Longtemps en France on a eu recours à la preuve testimoniale pour déterminer la valeur des choses puis les juges ont pris l'habitude de demander leur avis à des hommes de l'art, notamment dans les litiges entre voisins, les questions de bornage. Il s'agissait de mesureurs, de jurés, de maçons, de charpentiers et de clercs de l'écritoire, ces derniers chargés de la rédaction des rapports.

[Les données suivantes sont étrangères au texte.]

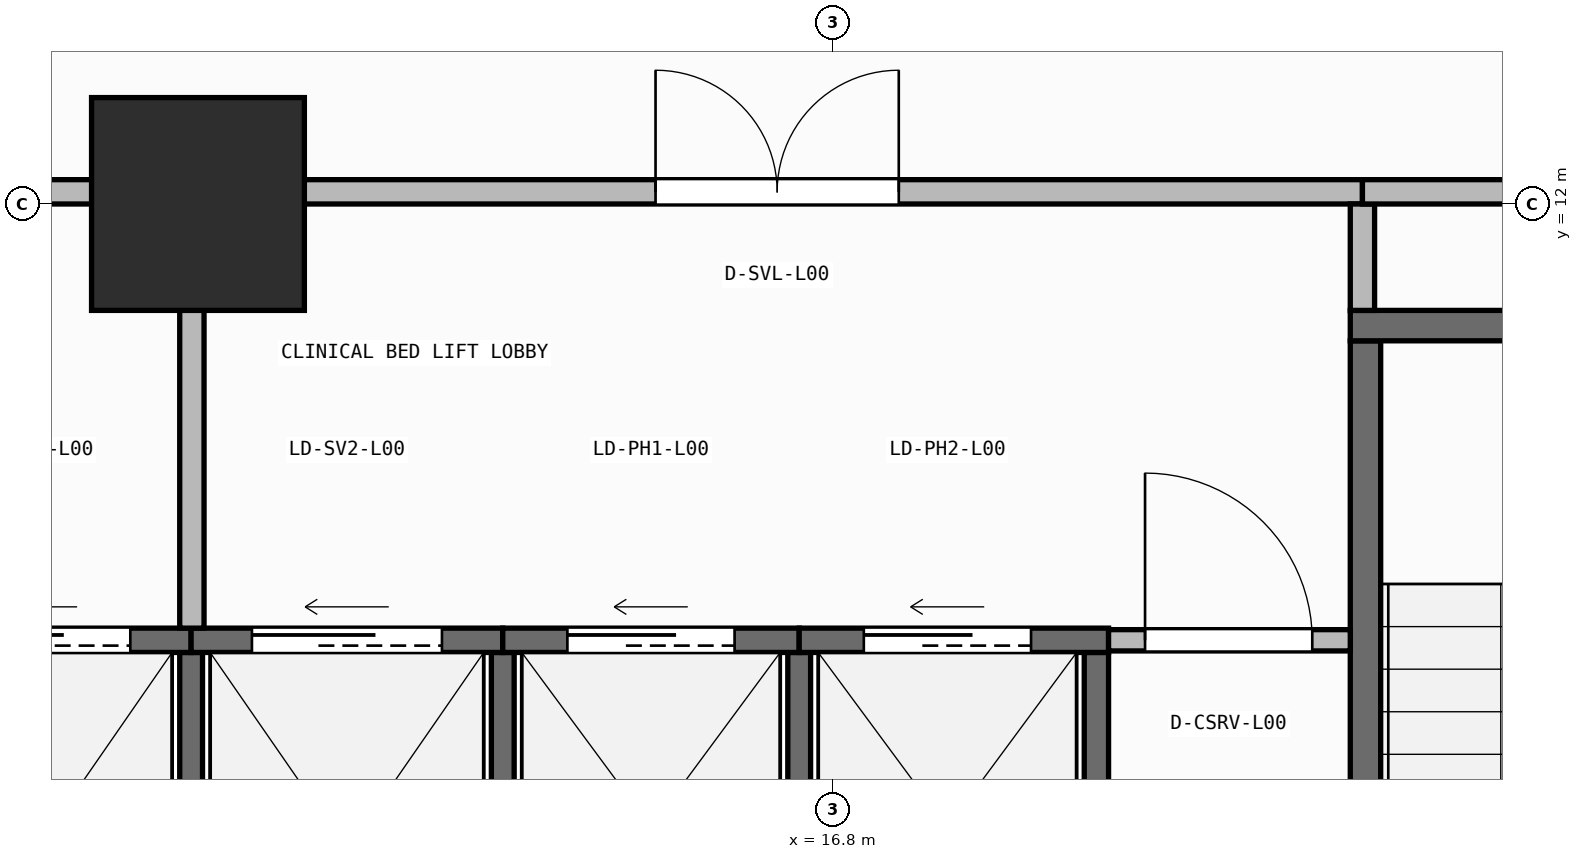
"""IFC4 building model, lengths in metres.
Left out: names, types, materials, properties, quantities, classifications, styles, units other than length and angle.
Written with IfcOpenShell. Run it as: python <this file> out.ifc"""

import sys

from ifc_helpers import new_model, si_unit, direction, frame, frame_2d, origin, origin_2d, place, context, subcontext, project, spatial, rectangle, extrude, element, fill, save


model = new_model("IFC4")
c1 = context("Model", 3, precision=1e-05, world=origin(), true_north=direction((0.0, 1.0)))
c2 = subcontext(c1, "Body", "Model", "MODEL_VIEW")
j1 = project(units=[si_unit("LENGTHUNIT", "METRE"), si_unit("PLANEANGLEUNIT", "RADIAN")], contexts=[c1])
p1 = place(None, origin())
s1 = spatial("IfcSite", under=j1, at=p1, CompositionType="ELEMENT")
p2 = place(p1, origin())
s2 = spatial("IfcBuilding", under=s1, at=p2, CompositionType="ELEMENT")
p3 = place(p2, origin())
s3 = spatial("IfcBuildingStorey", under=s2, at=p3, CompositionType="ELEMENT", Elevation=0.0)
p4 = place(p3, frame((12.62, 12.0, 0.0), z_axis=(0.0, 0.0, 1.0), x_axis=(1.0, 0.0, 0.0)))
e1 = element("IfcColumn", 1, at=p4, inside=s3, PredefinedType="COLUMN", context=c2, shape_type="SweptSolid", body=[
    extrude(rectangle(XDim=1.4, YDim=1.4, at=origin_2d()), origin(), (0.0, 0.0, 1.0), 4.5),
])
p5 = place(p3, frame((20.3, 3.5, 0.0), z_axis=(0.0, 0.0, 1.0), x_axis=(0.0, 1.0, 0.0)))
e2 = element("IfcWall", 2, at=p5, inside=s3, PredefinedType="SHEAR", context=c2, shape_type="SweptSolid", body=[
    extrude(rectangle(XDim=7.6, YDim=0.2, at=frame_2d((3.8, 0.0))), origin(), (0.0, 0.0, 1.0), 4.25),
])
p6 = place(p3, frame((20.2, 11.2, 0.0), z_axis=(0.0, 0.0, 1.0), x_axis=(1.0, 0.0, 0.0)))
e3 = element("IfcWall", 3, at=p6, inside=s3, PredefinedType="SHEAR", context=c2, shape_type="SweptSolid", body=[
    extrude(rectangle(XDim=3.7, YDim=0.2, at=frame_2d((1.85, 0.0))), origin(), (0.0, 0.0, 1.0), 4.25),
])
p7 = place(p6, frame((1.2, 0.0, 0.0)))
e4 = element("IfcOpeningElement", 4, at=p7, cuts=e3, PredefinedType="OPENING", context=c2, shape_type="SweptSolid", body=[
    extrude(rectangle(XDim=1.3, YDim=2.15, at=frame_2d((0.65, 1.075))), frame((0.0, 0.11, 0.0), z_axis=(0.0, -1.0, 0.0), x_axis=(1.0, 0.0, 0.0)), (0.0, 0.0, 1.0), 0.22),
])
p8 = place(p3, frame((18.53, 6.3, 0.0), z_axis=(0.0, 0.0, 1.0), x_axis=(0.0, 1.0, 0.0)))
e5 = element("IfcWall", 5, at=p8, inside=s3, PredefinedType="SHEAR", context=c2, shape_type="SweptSolid", body=[
    extrude(rectangle(XDim=2.75, YDim=0.16, at=frame_2d((1.375, 0.0))), origin(), (0.0, 0.0, 1.0), 4.25),
])
for number, where, z_axis, x_axis in (
    (6, (12.575, 6.3, 0.0), (0.0, 0.0, 1.0), (0.0, 1.0, 0.0)),
    (7, (14.625, 6.3, 0.0), (0.0, 0.0, 1.0), (0.0, 1.0, 0.0)),
    (8, (16.575, 6.3, 0.0), (0.0, 0.0, 1.0), (0.0, 1.0, 0.0)),
):
    element("IfcWall", number, at=place(p3, frame(where, z_axis=z_axis, x_axis=x_axis)), inside=s3, PredefinedType="SHEAR", context=c2, shape_type="SweptSolid", body=[
        extrude(rectangle(XDim=2.75, YDim=0.15, at=frame_2d((1.375, 0.0))), origin(), (0.0, 0.0, 1.0), 4.25),
    ])
p9 = place(p3, frame((10.525, 9.13, 0.0), z_axis=(0.0, 0.0, 1.0), x_axis=(1.0, 0.0, 0.0)))
e9 = element("IfcWall", 9, at=p9, inside=s3, PredefinedType="SHEAR", context=c2, shape_type="SweptSolid", body=[
    extrude(rectangle(XDim=2.05, YDim=0.16, at=frame_2d((1.025, 0.0))), origin(), (0.0, 0.0, 1.0), 4.25),
])
p10 = place(p9, frame((0.4, 0.0, 0.0)))
e10 = element("IfcOpeningElement", 10, at=p10, cuts=e9, PredefinedType="OPENING", context=c2, shape_type="SweptSolid", body=[
    extrude(rectangle(XDim=1.25, YDim=2.15, at=frame_2d((0.625, 1.075))), frame((0.0, 0.09, 0.0), z_axis=(0.0, -1.0, 0.0), x_axis=(1.0, 0.0, 0.0)), (0.0, 0.0, 1.0), 0.18),
])
p11 = place(p3, frame((12.575, 9.13, 0.0), z_axis=(0.0, 0.0, 1.0), x_axis=(1.0, 0.0, 0.0)))
e11 = element("IfcWall", 11, at=p11, inside=s3, PredefinedType="SHEAR", context=c2, shape_type="SweptSolid", body=[
    extrude(rectangle(XDim=2.05, YDim=0.16, at=frame_2d((1.025, 0.0))), origin(), (0.0, 0.0, 1.0), 4.25),
])
p12 = place(p11, frame((0.4, 0.0, 0.0)))
e12 = element("IfcOpeningElement", 12, at=p12, cuts=e11, PredefinedType="OPENING", context=c2, shape_type="SweptSolid", body=[
    extrude(rectangle(XDim=1.25, YDim=2.15, at=frame_2d((0.625, 1.075))), frame((0.0, 0.09, 0.0), z_axis=(0.0, -1.0, 0.0), x_axis=(1.0, 0.0, 0.0)), (0.0, 0.0, 1.0), 0.18),
])
p13 = place(p3, frame((14.625, 9.13, 0.0), z_axis=(0.0, 0.0, 1.0), x_axis=(1.0, 0.0, 0.0)))
e13 = element("IfcWall", 13, at=p13, inside=s3, PredefinedType="SHEAR", context=c2, shape_type="SweptSolid", body=[
    extrude(rectangle(XDim=1.95, YDim=0.16, at=frame_2d((0.975, 0.0))), origin(), (0.0, 0.0, 1.0), 4.25),
])
p14 = place(p13, frame((0.425, 0.0, 0.0)))
e14 = element("IfcOpeningElement", 14, at=p14, cuts=e13, PredefinedType="OPENING", context=c2, shape_type="SweptSolid", body=[
    extrude(rectangle(XDim=1.1, YDim=2.15, at=frame_2d((0.55, 1.075))), frame((0.0, 0.09, 0.0), z_axis=(0.0, -1.0, 0.0), x_axis=(1.0, 0.0, 0.0)), (0.0, 0.0, 1.0), 0.18),
])
p15 = place(p3, frame((16.575, 9.13, 0.0), z_axis=(0.0, 0.0, 1.0), x_axis=(1.0, 0.0, 0.0)))
e15 = element("IfcWall", 15, at=p15, inside=s3, PredefinedType="SHEAR", context=c2, shape_type="SweptSolid", body=[
    extrude(rectangle(XDim=2.035, YDim=0.16, at=frame_2d((1.018, 0.0))), origin(), (0.0, 0.0, 1.0), 4.25),
])
p16 = place(p15, frame((0.425, 0.0, 0.0)))
e16 = element("IfcOpeningElement", 16, at=p16, cuts=e15, PredefinedType="OPENING", context=c2, shape_type="SweptSolid", body=[
    extrude(rectangle(XDim=1.1, YDim=2.15, at=frame_2d((0.55, 1.075))), frame((0.0, 0.09, 0.0), z_axis=(0.0, -1.0, 0.0), x_axis=(1.0, 0.0, 0.0)), (0.0, 0.0, 1.0), 0.18),
])
p17 = place(p3, frame((18.61, 9.13, 0.0), z_axis=(0.0, 0.0, 1.0), x_axis=(1.0, 0.0, 0.0)))
e17 = element("IfcWall", 17, at=p17, inside=s3, PredefinedType="PARTITIONING", context=c2, shape_type="SweptSolid", body=[
    extrude(rectangle(XDim=1.59, YDim=0.14, at=frame_2d((0.795, 0.0))), origin(), (0.0, 0.0, 1.0), 4.25),
])
p18 = place(p17, frame((0.24, 0.0, 0.0)))
e18 = element("IfcOpeningElement", 18, at=p18, cuts=e17, PredefinedType="OPENING", context=c2, shape_type="SweptSolid", body=[
    extrude(rectangle(XDim=1.1, YDim=2.1, at=frame_2d((0.55, 1.05))), frame((0.0, 0.08, 0.0), z_axis=(0.0, -1.0, 0.0), x_axis=(1.0, 0.0, 0.0)), (0.0, 0.0, 1.0), 0.16),
])
p19 = place(p3, frame((6.4, 12.08, 0.0), z_axis=(0.0, 0.0, 1.0), x_axis=(1.0, 0.0, 0.0)))
e19 = element("IfcWall", 19, at=p19, inside=s3, PredefinedType="PARTITIONING", context=c2, shape_type="SweptSolid", body=[
    extrude(rectangle(XDim=6.18, YDim=0.16, at=frame_2d((3.09, 0.0))), origin(), (0.0, 0.0, 1.0), 3.425),
])
p20 = place(p19, frame((2.29, 0.0, 0.0)))
e20 = element("IfcOpeningElement", 20, at=p20, cuts=e19, PredefinedType="OPENING", context=c2, shape_type="SweptSolid", body=[
    extrude(rectangle(XDim=1.6, YDim=2.05, at=frame_2d((0.8, 1.025))), frame((0.0, 0.09, 0.0), z_axis=(0.0, -1.0, 0.0), x_axis=(1.0, 0.0, 0.0)), (0.0, 0.0, 1.0), 0.18),
])
p21 = place(p3, frame((12.58, 9.21, 0.0), z_axis=(0.0, 0.0, 1.0), x_axis=(0.0, 1.0, 0.0)))
e21 = element("IfcWall", 21, at=p21, inside=s3, PredefinedType="PARTITIONING", context=c2, shape_type="SweptSolid", body=[
    extrude(rectangle(XDim=2.79, YDim=0.16, at=frame_2d((1.395, 0.0))), origin(), (0.0, 0.0, 1.0), 4.25),
])
p22 = place(p3, frame((12.58, 12.08, 0.0), z_axis=(0.0, 0.0, 1.0), x_axis=(1.0, 0.0, 0.0)))
e22 = element("IfcWall", 22, at=p22, inside=s3, PredefinedType="PARTITIONING", context=c2, shape_type="SweptSolid", body=[
    extrude(rectangle(XDim=7.7, YDim=0.16, at=frame_2d((3.85, 0.0))), origin(), (0.0, 0.0, 1.0), 3.425),
])
p23 = place(p22, frame((3.05, 0.0, 0.0)))
e23 = element("IfcOpeningElement", 23, at=p23, cuts=e22, PredefinedType="OPENING", context=c2, shape_type="SweptSolid", body=[
    extrude(rectangle(XDim=1.6, YDim=2.05, at=frame_2d((0.8, 1.025))), frame((0.0, 0.09, 0.0), z_axis=(0.0, -1.0, 0.0), x_axis=(1.0, 0.0, 0.0)), (0.0, 0.0, 1.0), 0.18),
])
p24 = place(p3, frame((20.28, 11.3, 0.0), z_axis=(0.0, 0.0, 1.0), x_axis=(0.0, 1.0, 0.0)))
e24 = element("IfcWall", 24, at=p24, inside=s3, PredefinedType="PARTITIONING", context=c2, shape_type="SweptSolid", body=[
    extrude(rectangle(XDim=0.7, YDim=0.16, at=frame_2d((0.35, 0.0))), origin(), (0.0, 0.0, 1.0), 4.25),
])
p25 = place(p3, frame((20.28, 12.08, 0.0), z_axis=(0.0, 0.0, 1.0), x_axis=(1.0, 0.0, 0.0)))
e25 = element("IfcWall", 25, at=p25, inside=s3, PredefinedType="PARTITIONING", context=c2, shape_type="SweptSolid", body=[
    extrude(rectangle(XDim=3.62, YDim=0.16, at=frame_2d((1.81, 0.0))), origin(), (0.0, 0.0, 1.0), 3.425),
])
p26 = place(p25, frame((1.01, 0.0, 0.0)))
e26 = element("IfcOpeningElement", 26, at=p26, cuts=e25, PredefinedType="OPENING", context=c2, shape_type="SweptSolid", body=[
    extrude(rectangle(XDim=1.6, YDim=2.05, at=frame_2d((0.8, 1.025))), frame((0.0, 0.09, 0.0), z_axis=(0.0, -1.0, 0.0), x_axis=(1.0, 0.0, 0.0)), (0.0, 0.0, 1.0), 0.18),
])
p27 = place(p10, origin())
e27 = element("IfcDoor", 27, at=p27, inside=s3, OperationType="SLIDING_TO_LEFT", PredefinedType="DOOR", context=c2, shape_type="SweptSolid", body=[
    extrude(rectangle(XDim=1.25, YDim=2.15, at=frame_2d((0.625, 1.075))), frame((0.0, 0.025, 0.0), z_axis=(0.0, -1.0, 0.0), x_axis=(1.0, 0.0, 0.0)), (0.0, 0.0, 1.0), 0.05),
])
fill(e10, e27)
p28 = place(p12, origin())
e28 = element("IfcDoor", 28, at=p28, inside=s3, OperationType="SLIDING_TO_LEFT", PredefinedType="DOOR", context=c2, shape_type="SweptSolid", body=[
    extrude(rectangle(XDim=1.25, YDim=2.15, at=frame_2d((0.625, 1.075))), frame((0.0, 0.025, 0.0), z_axis=(0.0, -1.0, 0.0), x_axis=(1.0, 0.0, 0.0)), (0.0, 0.0, 1.0), 0.05),
])
fill(e12, e28)
p29 = place(p14, origin())
e29 = element("IfcDoor", 29, at=p29, inside=s3, OperationType="SLIDING_TO_LEFT", PredefinedType="DOOR", context=c2, shape_type="SweptSolid", body=[
    extrude(rectangle(XDim=1.1, YDim=2.15, at=frame_2d((0.55, 1.075))), frame((0.0, 0.025, 0.0), z_axis=(0.0, -1.0, 0.0), x_axis=(1.0, 0.0, 0.0)), (0.0, 0.0, 1.0), 0.05),
])
fill(e14, e29)
p30 = place(p16, origin())
e30 = element("IfcDoor", 30, at=p30, inside=s3, OperationType="SLIDING_TO_LEFT", PredefinedType="DOOR", context=c2, shape_type="SweptSolid", body=[
    extrude(rectangle(XDim=1.1, YDim=2.15, at=frame_2d((0.55, 1.075))), frame((0.0, 0.025, 0.0), z_axis=(0.0, -1.0, 0.0), x_axis=(1.0, 0.0, 0.0)), (0.0, 0.0, 1.0), 0.05),
])
fill(e16, e30)
p31 = place(p18, origin())
e31 = element("IfcDoor", 31, at=p31, inside=s3, OperationType="SINGLE_SWING_LEFT", PredefinedType="DOOR", context=c2, shape_type="SweptSolid", body=[
    extrude(rectangle(XDim=1.1, YDim=2.1, at=frame_2d((0.55, 1.05))), frame((0.0, 0.025, 0.0), z_axis=(0.0, -1.0, 0.0), x_axis=(1.0, 0.0, 0.0)), (0.0, 0.0, 1.0), 0.05),
])
fill(e18, e31)
p32 = place(p23, origin())
e32 = element("IfcDoor", 32, at=p32, inside=s3, OperationType="DOUBLE_DOOR_SINGLE_SWING", PredefinedType="DOOR", context=c2, shape_type="SweptSolid", body=[
    extrude(rectangle(XDim=1.6, YDim=2.05, at=frame_2d((0.8, 1.025))), frame((0.0, 0.025, 0.0), z_axis=(0.0, -1.0, 0.0), x_axis=(1.0, 0.0, 0.0)), (0.0, 0.0, 1.0), 0.05),
])
fill(e23, e32)
save(model, sys.argv[1])

En 1575, un édit d'Henri III prescrivit que tous les Offices d'Experts seraient à l'avenir héréditaires. En 1690, fut ordonnée l'extinction des charges et leur remboursement en même temps que furent créés, à Paris et dans de nombreuses villes de province, des Offices d'Experts « de probité et d'expérience » bénéficiant d'un monopole. Il y avait alors cinquante Charges à Paris, vingt cinq entrepreneurs maçons et vingt cinq bourgeois architectes. La Révolution interdit les jurandes et les corporations mais des Experts seront tout de même, en de rares occasions, questionnés par les Tribunaux.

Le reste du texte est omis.